Hey, the Cyclones are in town for the days we would most likely be at Coney Island. So I penciled them in. I don't know that we will see them but I will suggest it. It may be a long day and everyone will want to go home by the time the game starts (7PM). Thanks. The stadium looks to be a very short walk from where we would be. There is also a concert series in the area on Thursday nights. I haven't seen who is there this year but last year they had some pretty big names performing.



> For other stuff, maybe Day 7, don't forget the Chrysler Building, Central Park (visitors guide) Wall Street & NYSE, Intrepid Sea, Air & Space Museum, Federal Reserve Bank of New York (tours), The Cloisters.


Okay. Got the Chrylser bldg on the list. GOt FRB too. I can't get a reservation on that for a bit because we aren't dead set on which day we will be in that area. We are supposed to be meeting a good friend but don't know the date yet. He's been real busy w/ sick mother so don't have that set but I hope to do that soon.

Intrepid? Not sure. We have been on the Midway in San Diego a couple times. Fun but not sure we can fit that into NYC. However, I will put it on list. Do you know if it is much different from the Midway in San DIego?

Thanks for the suggestions.

Dan


----------



## Dan O (May 18, 2009)

AlanB said:


> Dan,
> If you're already going to be in Rock Plaza, I'd suggest doing the Top of the Rock, rather than the Empire State Building. In addition to be considerably cheaper than the Empire State Building, they give you an assigned time to show up. You walk through security and once clear, basically step right onto the elevator to head up to the top. At the Empire State you wait in lines to get up almost to the top, and then you have to wait once again on like the 86th floor or something like that, to get all the way to the top. The ES does sell a ticket, like $50 last time I knew, that allows one to bypass the line downstairs, but you still get stuck in the line upstairs.


Okay.

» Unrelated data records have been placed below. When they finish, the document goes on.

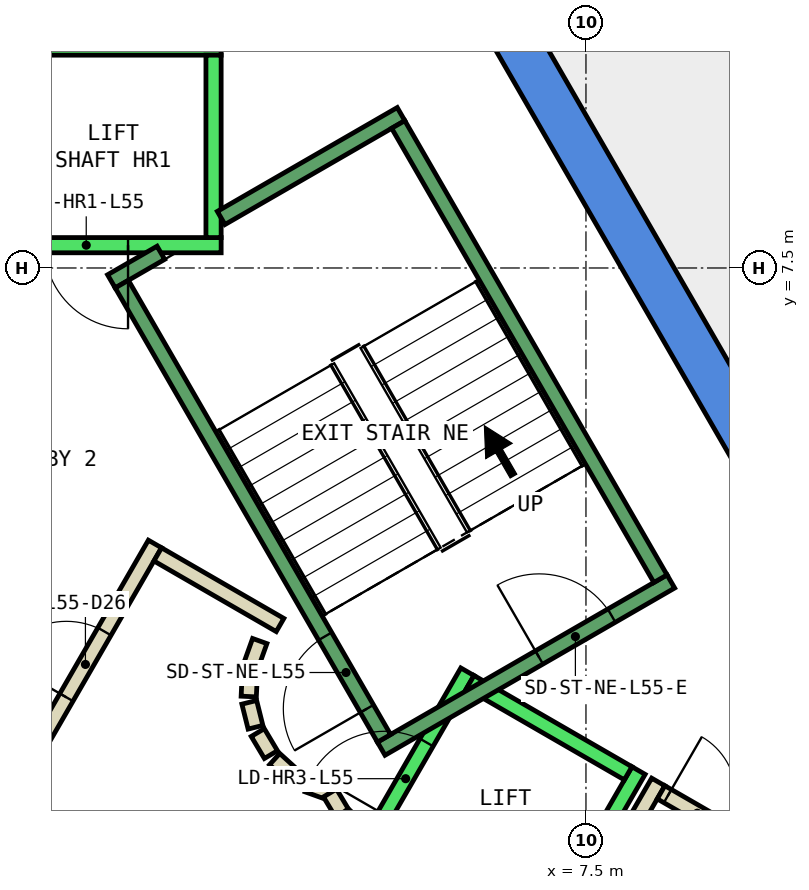
"""IFC4 building model, lengths in metres.
Left out: names, types, materials, properties, quantities, classifications, styles, units other than length and angle.
Written with IfcOpenShell. Run it as: python <this file> out.ifc"""

import sys

from ifc_helpers import new_model, si_unit, direction, frame, frame_2d, origin, place, context, subcontext, project, spatial, polyline, rectangle, outline, extrude, element, fill, save


model = new_model("IFC4")
c1 = context("Model", 3, precision=1e-05, world=origin(), true_north=direction((0.0, 1.0)))
c2 = subcontext(c1, "Body", "Model", "MODEL_VIEW")
j1 = project(units=[si_unit("LENGTHUNIT", "METRE"), si_unit("PLANEANGLEUNIT", "RADIAN")], contexts=[c1])
p1 = place(None, origin())
s1 = spatial("IfcSite", under=j1, at=p1, CompositionType="ELEMENT")
p2 = place(p1, origin())
s2 = spatial("IfcBuilding", under=s1, at=p2, CompositionType="ELEMENT")
p3 = place(p2, frame((0.0, 0.0, 245.0)))
s3 = spatial("IfcBuildingStorey", under=s2, at=p3, CompositionType="ELEMENT", Elevation=245.0)
p4 = place(p3, frame((0.0, 0.0, -0.34)))
e1 = element("IfcWall", 1, at=p4, inside=s3, PredefinedType="SHEAR", context=c2, shape_type="SweptSolid", body=[
    extrude(outline(polyline([(6.786, 10.747), (6.266, 10.447), (10.854, 2.5), (11.547, 2.5), (6.786, 10.747)])), origin(), (0.0, 0.0, 1.0), 3.6),
])
p5 = place(p3, frame((0.0, 0.0, -0.34)))
e2 = element("IfcWall", 2, at=p5, inside=s3, PredefinedType="SHEAR", context=c2, shape_type="SweptSolid", body=[
    extrude(outline(polyline([(5.774, -7.5), (11.547, 2.5), (10.854, 2.5), (5.427, -6.9), (5.774, -7.5)])), origin(), (0.0, 0.0, 1.0), 3.6),
])
p6 = place(p3, frame((8.939, 12.559, 0.0), z_axis=(0.0, 0.0, 1.0), x_axis=(0.517045022441, -0.855958202699, 0.0)))
e3 = element("IfcWall", 3, at=p6, inside=s3, PredefinedType="PARTITIONING", context=c2, shape_type="SweptSolid", body=[
    extrude(rectangle(XDim=3.166, YDim=0.2, at=frame_2d((1.583, 0.0))), origin(), (0.0, 0.0, 1.0), 3.26),
])
p7 = place(p6, frame((1.083, 0.0, 0.0)))
e4 = element("IfcOpeningElement", 4, at=p7, cuts=e3, PredefinedType="OPENING", context=c2, shape_type="SweptSolid", body=[
    extrude(rectangle(XDim=1.0, YDim=2.1, at=frame_2d((0.5, 1.05))), frame((0.0, 0.11, 0.0), z_axis=(0.0, -1.0, 0.0), x_axis=(1.0, 0.0, 0.0)), (0.0, 0.0, 1.0), 0.22),
])
p8 = place(p3, frame((5.751, -3.938, 0.0), z_axis=(0.0, 0.0, 1.0), x_axis=(0.500034260056, 0.866005622828, 0.0)))
e5 = element("IfcWall", 5, at=p8, inside=s3, PredefinedType="PARTITIONING", context=c2, shape_type="SweptSolid", body=[
    extrude(rectangle(XDim=5.399, YDim=0.2, at=frame_2d((2.7, 0.0))), origin(), (0.0, 0.0, 1.0), 3.26),
])
p9 = place(p3, frame((8.488, 0.602, 0.0), z_axis=(0.0, 0.0, 1.0), x_axis=(0.866063652425, -0.499933745558, 0.0)))
e6 = element("IfcWall", 6, at=p9, inside=s3, PredefinedType="PARTITIONING", context=c2, shape_type="SweptSolid", body=[
    extrude(rectangle(XDim=1.1, YDim=0.2, at=frame_2d((0.55, 0.0))), origin(), (0.0, 0.0, 1.0), 3.26),
])
p10 = place(p9, frame((0.1, 0.0, 0.0)))
e7 = element("IfcOpeningElement", 7, at=p10, cuts=e6, PredefinedType="OPENING", context=c2, shape_type="SweptSolid", body=[
    extrude(rectangle(XDim=0.9, YDim=2.1, at=frame_2d((0.45, 1.05))), frame((0.0, 0.11, 0.0), z_axis=(0.0, -1.0, 0.0), x_axis=(1.0, 0.0, 0.0)), (0.0, 0.0, 1.0), 0.22),
])
p11 = place(p3, frame((9.358, -4.692, 0.0), z_axis=(0.0, 0.0, 1.0), x_axis=(0.500027777314, 0.866009365951, 0.0)))
e8 = element("IfcWall", 8, at=p11, inside=s3, PredefinedType="PARTITIONING", context=c2, shape_type="SweptSolid", body=[
    extrude(rectangle(XDim=7.36, YDim=0.15, at=frame_2d((3.68, 0.0))), origin(), (0.0, 0.0, 1.0), 3.26),
])
p12 = place(p3, frame((0.05, 0.787, 0.0), z_axis=(0.0, 0.0, 1.0), x_axis=(0.499954076797, 0.866051915934, 0.0)))
e9 = element("IfcWall", 9, at=p12, inside=s3, PredefinedType="PARTITIONING", context=c2, shape_type="SweptSolid", body=[
    extrude(rectangle(XDim=3.558, YDim=0.2, at=frame_2d((1.779, 0.0))), origin(), (0.0, 0.0, 1.0), 3.26),
])
p13 = place(p12, frame((1.229, 0.0, 0.0)))
e10 = element("IfcOpeningElement", 10, at=p13, cuts=e9, PredefinedType="OPENING", context=c2, shape_type="SweptSolid", body=[
    extrude(rectangle(XDim=1.0, YDim=2.1, at=frame_2d((0.5, 1.05))), frame((0.0, 0.11, 0.0), z_axis=(0.0, -1.0, 0.0), x_axis=(1.0, 0.0, 0.0)), (0.0, 0.0, 1.0), 0.22),
])
p14 = place(p3, frame((1.866, 3.732, 0.0), z_axis=(0.0, 0.0, 1.0), x_axis=(0.866043361281, -0.499968895414, 0.0)))
e11 = element("IfcWall", 11, at=p14, inside=s3, PredefinedType="PARTITIONING", context=c2, shape_type="SweptSolid", body=[
    extrude(rectangle(XDim=1.858, YDim=0.2, at=frame_2d((0.929, 0.0))), origin(), (0.0, 0.0, 1.0), 3.26),
])
p15 = place(p3, frame((3.208, 2.592, 0.0), z_axis=(0.0, 0.0, 1.0), x_axis=(-0.337388820924, -0.941365382578, 0.0)))
e12 = element("IfcWall", 12, at=p15, inside=s3, PredefinedType="PARTITIONING", context=c2, shape_type="SweptSolid", body=[
    extrude(rectangle(XDim=0.338, YDim=0.2, at=frame_2d((0.169, 0.0))), origin(), (0.0, 0.0, 1.0), 3.26),
])
p16 = place(p3, frame((3.079, 2.199, 0.0), z_axis=(0.0, 0.0, 1.0), x_axis=(-0.047771483479, -0.998858290933, 0.0)))
e13 = element("IfcWall", 13, at=p16, inside=s3, PredefinedType="PARTITIONING", context=c2, shape_type="SweptSolid", body=[
    extrude(rectangle(XDim=0.337, YDim=0.2, at=frame_2d((0.169, 0.0))), origin(), (0.0, 0.0, 1.0), 3.26),
])
p17 = place(p3, frame((3.07, 1.786, 0.0), z_axis=(0.0, 0.0, 1.0), x_axis=(0.242705583207, -0.970099994784, 0.0)))
e14 = element("IfcWall", 14, at=p17, inside=s3, PredefinedType="PARTITIONING", context=c2, shape_type="SweptSolid", body=[
    extrude(rectangle(XDim=0.338, YDim=0.2, at=frame_2d((0.169, 0.0))), origin(), (0.0, 0.0, 1.0), 3.26),
])
for number, where, z_axis, x_axis in (
    (15, (3.182, 1.388, 0.0), (0.0, 0.0, 1.0), (0.512, -0.859, 0.0)),
    (16, (3.404, 1.039, 0.0), (0.0, 0.0, 1.0), (0.74, -0.672, 0.0)),
):
    element("IfcWall", number, at=place(p3, frame(where, z_axis=z_axis, x_axis=x_axis)), inside=s3, PredefinedType="PARTITIONING", context=c2, shape_type="SweptSolid", body=[
        extrude(rectangle(XDim=0.338, YDim=0.2, at=frame_2d((0.169, 0.0))), origin(), (0.0, 0.0, 1.0), 3.26),
    ])
p18 = place(p3, frame((3.838, 0.702, 0.0), z_axis=(0.0, 0.0, 1.0), x_axis=(0.941035081519, -0.338308993895, 0.0)))
e17 = element("IfcWall", 17, at=p18, inside=s3, PredefinedType="PARTITIONING", context=c2, shape_type="SweptSolid", body=[
    extrude(rectangle(XDim=0.337, YDim=0.2, at=frame_2d((0.168, 0.0))), origin(), (0.0, 0.0, 1.0), 3.26),
])
p19 = place(p3, frame((4.132, 0.593, 0.0), z_axis=(0.0, 0.0, 1.0), x_axis=(0.513561617048, -0.858052717201, 0.0)))
e18 = element("IfcWall", 18, at=p19, inside=s3, PredefinedType="PARTITIONING", context=c2, shape_type="SweptSolid", body=[
    extrude(rectangle(XDim=0.308, YDim=0.2, at=frame_2d((0.154, 0.0))), origin(), (0.0, 0.0, 1.0), 3.26),
])
p20 = place(p3, frame((4.301, 0.315, 0.0), z_axis=(0.0, 0.0, 1.0), x_axis=(0.741798017506, -0.670623367639, 0.0)))
e19 = element("IfcWall", 19, at=p20, inside=s3, PredefinedType="PARTITIONING", context=c2, shape_type="SweptSolid", body=[
    extrude(rectangle(XDim=0.309, YDim=0.2, at=frame_2d((0.154, 0.0))), origin(), (0.0, 0.0, 1.0), 3.26),
])
p21 = place(p3, frame((2.7, 7.8, 0.0), z_axis=(0.0, 0.0, 1.0), x_axis=(-1.0, 0.0, 0.0)))
e20 = element("IfcWall", 20, at=p21, inside=s3, PredefinedType="STANDARD", context=c2, shape_type="SweptSolid", body=[
    extrude(rectangle(XDim=5.4, YDim=0.2, at=frame_2d((2.7, 0.0))), origin(), (0.0, 0.0, 1.0), 3.26),
])
p22 = place(p21, frame((1.225, 0.0, 0.0)))
e21 = element("IfcOpeningElement", 21, at=p22, cuts=e20, PredefinedType="OPENING", context=c2, shape_type="SweptSolid", body=[
    extrude(rectangle(XDim=1.1, YDim=2.1, at=frame_2d((0.55, 1.05))), frame((0.0, 0.11, 0.0), z_axis=(0.0, -1.0, 0.0), x_axis=(1.0, 0.0, 0.0)), (0.0, 0.0, 1.0), 0.22),
])
p23 = place(p21, frame((3.075, 0.0, 0.0)))
e22 = element("IfcOpeningElement", 22, at=p23, cuts=e20, PredefinedType="OPENING", context=c2, shape_type="SweptSolid", body=[
    extrude(rectangle(XDim=1.1, YDim=2.1, at=frame_2d((0.55, 1.05))), frame((0.0, 0.11, 0.0), z_axis=(0.0, -1.0, 0.0), x_axis=(1.0, 0.0, 0.0)), (0.0, 0.0, 1.0), 0.22),
])
p24 = place(p3, frame((2.7, 10.4, 0.0), z_axis=(0.0, 0.0, 1.0), x_axis=(-1.0, 0.0, 0.0)))
e23 = element("IfcWall", 23, at=p24, inside=s3, PredefinedType="STANDARD", context=c2, shape_type="SweptSolid", body=[
    extrude(rectangle(XDim=5.4, YDim=0.2, at=frame_2d((2.7, 0.0))), origin(), (0.0, 0.0, 1.0), 3.26),
])
p25 = place(p3, frame((2.6, 7.9, 0.0), z_axis=(0.0, 0.0, 1.0), x_axis=(0.0, 1.0, 0.0)))
e24 = element("IfcWall", 24, at=p25, inside=s3, PredefinedType="STANDARD", context=c2, shape_type="SweptSolid", body=[
    extrude(rectangle(XDim=2.4, YDim=0.2, at=frame_2d((1.2, 0.0))), origin(), (0.0, 0.0, 1.0), 3.26),
])
p26 = place(p3, frame((3.24, -2.488, 0.0), z_axis=(0.0, 0.0, 1.0), x_axis=(0.500034260056, 0.866005622828, 0.0)))
e25 = element("IfcWall", 25, at=p26, inside=s3, PredefinedType="STANDARD", context=c2, shape_type="SweptSolid", body=[
    extrude(rectangle(XDim=5.399, YDim=0.2, at=frame_2d((2.7, 0.0))), origin(), (0.0, 0.0, 1.0), 3.26),
])
p27 = place(p26, frame((3.225, 0.0, 0.0)))
e26 = element("IfcOpeningElement", 26, at=p27, cuts=e25, PredefinedType="OPENING", context=c2, shape_type="SweptSolid", body=[
    extrude(rectangle(XDim=1.1, YDim=2.1, at=frame_2d((0.55, 1.05))), frame((0.0, 0.11, 0.0), z_axis=(0.0, -1.0, 0.0), x_axis=(1.0, 0.0, 0.0)), (0.0, 0.0, 1.0), 0.22),
])
p28 = place(p26, frame((1.225, 0.0, 0.0)))
e27 = element("IfcOpeningElement", 27, at=p28, cuts=e25, PredefinedType="OPENING", context=c2, shape_type="SweptSolid", body=[
    extrude(rectangle(XDim=1.1, YDim=2.1, at=frame_2d((0.55, 1.05))), frame((0.0, 0.11, 0.0), z_axis=(0.0, -1.0, 0.0), x_axis=(1.0, 0.0, 0.0)), (0.0, 0.0, 1.0), 0.22),
])
p29 = place(p3, frame((5.492, -3.788, 0.0), z_axis=(0.0, 0.0, 1.0), x_axis=(0.500034260056, 0.866005622828, 0.0)))
e28 = element("IfcWall", 28, at=p29, inside=s3, PredefinedType="STANDARD", context=c2, shape_type="SweptSolid", body=[
    extrude(rectangle(XDim=5.399, YDim=0.2, at=frame_2d((2.7, 0.0))), origin(), (0.0, 0.0, 1.0), 3.26),
])
p30 = place(p3, frame((5.977, 2.052, 0.0), z_axis=(0.0, 0.0, 1.0), x_axis=(0.865973769406, -0.500089422704, 0.0)))
e29 = element("IfcWall", 29, at=p30, inside=s3, PredefinedType="STANDARD", context=c2, shape_type="SweptSolid", body=[
    extrude(rectangle(XDim=2.399, YDim=0.2, at=frame_2d((1.2, 0.0))), origin(), (0.0, 0.0, 1.0), 3.26),
])
p31 = place(p3, frame((4.806, 1.176, 0.0), z_axis=(0.0, 0.0, 1.0), x_axis=(0.866059941101, 0.499940174841, 0.0)))
e30 = element("IfcWall", 30, at=p31, inside=s3, PredefinedType="STANDARD", context=c2, shape_type="SweptSolid", body=[
    extrude(rectangle(XDim=4.4, YDim=0.2, at=frame_2d((2.2, 0.0))), origin(), (0.0, 0.0, 1.0), 3.26),
])
p32 = place(p31, frame((2.4, 0.0, 0.0)))
e31 = element("IfcOpeningElement", 31, at=p32, cuts=e30, PredefinedType="OPENING", context=c2, shape_type="SweptSolid", body=[
    extrude(rectangle(XDim=1.1, YDim=2.2, at=frame_2d((0.55, 1.1))), frame((0.0, 0.11, 0.0), z_axis=(0.0, -1.0, 0.0), x_axis=(1.0, 0.0, 0.0)), (0.0, 0.0, 1.0), 0.22),
])
p33 = place(p3, frame((2.7, 8.158, 0.0), z_axis=(0.0, 0.0, 1.0), x_axis=(0.86611865017, 0.499838457731, 0.0)))
e32 = element("IfcWall", 32, at=p33, inside=s3, PredefinedType="STANDARD", context=c2, shape_type="SweptSolid", body=[
    extrude(rectangle(XDim=2.733, YDim=0.2, at=frame_2d((1.366, 0.0))), origin(), (0.0, 0.0, 1.0), 3.26),
])
p34 = place(p3, frame((1.256, 7.324, 0.0), z_axis=(0.0, 0.0, 1.0), x_axis=(0.865915093549, 0.500191014278, 0.0)))
e33 = element("IfcWall", 33, at=p34, inside=s3, PredefinedType="STANDARD", context=c2, shape_type="SweptSolid", body=[
    extrude(rectangle(XDim=0.752, YDim=0.2, at=frame_2d((0.376, 0.0))), origin(), (0.0, 0.0, 1.0), 3.26),
])
p35 = place(p3, frame((4.843, 1.312, 0.0), z_axis=(0.0, 0.0, 1.0), x_axis=(-0.499963383562, 0.866046543262, 0.0)))
e34 = element("IfcWall", 34, at=p35, inside=s3, PredefinedType="STANDARD", context=c2, shape_type="SweptSolid", body=[
    extrude(rectangle(XDim=6.9, YDim=0.2, at=frame_2d((3.45, 0.0))), origin(), (0.0, 0.0, 1.0), 3.26),
])
p36 = place(p35, frame((0.45, 0.0, 0.0)))
e35 = element("IfcOpeningElement", 35, at=p36, cuts=e34, PredefinedType="OPENING", context=c2, shape_type="SweptSolid", body=[
    extrude(rectangle(XDim=1.1, YDim=2.2, at=frame_2d((0.55, 1.1))), frame((0.0, 0.11, 0.0), z_axis=(0.0, -1.0, 0.0), x_axis=(1.0, 0.0, 0.0)), (0.0, 0.0, 1.0), 0.22),
])
p37 = place(p3, frame((8.48, 3.412, 0.0), z_axis=(0.0, 0.0, 1.0), x_axis=(-0.499978703459, 0.866037698999, 0.0)))
e36 = element("IfcWall", 36, at=p37, inside=s3, PredefinedType="STANDARD", context=c2, shape_type="SweptSolid", body=[
    extrude(rectangle(XDim=6.9, YDim=0.2, at=frame_2d((3.45, 0.0))), origin(), (0.0, 0.0, 1.0), 3.26),
])
p38 = place(p13, origin())
e37 = element("IfcDoor", 37, at=p38, inside=s3, OperationType="SINGLE_SWING_RIGHT", PredefinedType="DOOR", context=c2, shape_type="SweptSolid", body=[
    extrude(rectangle(XDim=1.0, YDim=2.1, at=frame_2d((0.5, 1.05))), frame((0.0, 0.025, 0.0), z_axis=(0.0, -1.0, 0.0), x_axis=(1.0, 0.0, 0.0)), (0.0, 0.0, 1.0), 0.05),
])
fill(e10, e37)
p39 = place(p10, origin())
e38 = element("IfcDoor", 38, at=p39, inside=s3, OperationType="SINGLE_SWING_RIGHT", PredefinedType="DOOR", context=c2, shape_type="SweptSolid", body=[
    extrude(rectangle(XDim=0.9, YDim=2.1, at=frame_2d((0.45, 1.05))), frame((0.0, 0.025, 0.0), z_axis=(0.0, -1.0, 0.0), x_axis=(1.0, 0.0, 0.0)), (0.0, 0.0, 1.0), 0.05),
])
fill(e7, e38)
p40 = place(p22, origin())
e39 = element("IfcDoor", 39, at=p40, inside=s3, OperationType="SLIDING_TO_LEFT", PredefinedType="DOOR", context=c2, shape_type="SweptSolid", body=[
    extrude(rectangle(XDim=1.1, YDim=2.1, at=frame_2d((0.55, 1.05))), frame((0.0, 0.025, 0.0), z_axis=(0.0, -1.0, 0.0), x_axis=(1.0, 0.0, 0.0)), (0.0, 0.0, 1.0), 0.05),
])
fill(e21, e39)
p41 = place(p27, origin())
e40 = element("IfcDoor", 40, at=p41, inside=s3, OperationType="SLIDING_TO_LEFT", PredefinedType="DOOR", context=c2, shape_type="SweptSolid", body=[
    extrude(rectangle(XDim=1.1, YDim=2.1, at=frame_2d((0.55, 1.05))), frame((0.0, 0.025, 0.0), z_axis=(0.0, -1.0, 0.0), x_axis=(1.0, 0.0, 0.0)), (0.0, 0.0, 1.0), 0.05),
])
fill(e26, e40)
p42 = place(p36, origin())
e41 = element("IfcDoor", 41, at=p42, inside=s3, OperationType="SINGLE_SWING_LEFT", PredefinedType="DOOR", context=c2, shape_type="SweptSolid", body=[
    extrude(rectangle(XDim=1.1, YDim=2.2, at=frame_2d((0.55, 1.1))), frame((0.0, 0.025, 0.0), z_axis=(0.0, -1.0, 0.0), x_axis=(1.0, 0.0, 0.0)), (0.0, 0.0, 1.0), 0.05),
])
fill(e35, e41)
p43 = place(p32, origin())
e42 = element("IfcDoor", 42, at=p43, inside=s3, OperationType="SINGLE_SWING_LEFT", PredefinedType="DOOR", context=c2, shape_type="SweptSolid", body=[
    extrude(rectangle(XDim=1.1, YDim=2.2, at=frame_2d((0.55, 1.1))), frame((0.0, 0.025, 0.0), z_axis=(0.0, -1.0, 0.0), x_axis=(1.0, 0.0, 0.0)), (0.0, 0.0, 1.0), 0.05),
])
fill(e31, e42)
save(model, sys.argv[1])

Thanks. I think we will at least go by the ESB just to see it up close. We are in that area for some other things.



> And since you're over in the Jersey City area, you might want to consider for your final day visiting the Liberty Science Center. I'm not sure that it will take a full day, but I'm betting the kids will love it, since it is geared to kids. It also puts you very close to the NJ ferry to the Statue of Liberty, so that could fill the rest of the time.


Okay. Thanks. Put that on the list too. I am sure there will be a few things we may not get to but better to have a few options for more things to see if we go someplace and it doesn't take long to see it.

Thanks. And you are right, I think the kids would like the Science center quite a bit


----------



## WhoozOn1st (May 18, 2009)

Dan O said:


> Intrepid? Not sure. We have been on the Midway in San Diego a couple times. Fun but not sure we can fit that into NYC. However, I will put it on list. Do you know if it is much different from the Midway in San DIego?


I was last aboard Intrepid during the previous century (1996). Since then it has been dug out of the river mud and is now actually floating again, and a multimillion-dollar refurb of the whole shebang has been accomplished. Don't know all the details, but one major difference from Midway is a Concord on the flight deck. There was a TV documentary about moving the retired SST from JFK to Intrepid, and here's a short video: Moving the Concord to the USS Intrepid; a number of others online as well.


----------



## Dan O (May 18, 2009)

WhoozOn1st said:


> Dan O said:
> 
> 
> > Intrepid? Not sure. We have been on the Midway in San Diego a couple times. Fun but not sure we can fit that into NYC. However, I will put it on list. Do you know if it is much different from the Midway in San DIego?
> ...


I wouldn't mind seeing a Concord. I thought they needed special runways to land on, no? Or maybe they just made too much noise for some airports.

Thanks. I did put that on the list.

Dan


----------



## PRR 60 (May 18, 2009)

Dan O said:


> I wouldn't mind seeing a Concord. I thought they needed special runways to land on, no? Or maybe they just made too much noise for some airports.
> Thanks. I did put that on the list.
> 
> Dan


It could use normal runways, but the noise was an issue for Concorde. The biggest issue was economics. The market had to support the cost of the service, and very few markets could.
I saw one at the aviation museum at Boeing Field in Seattle, and it's kind of a sad sight.


----------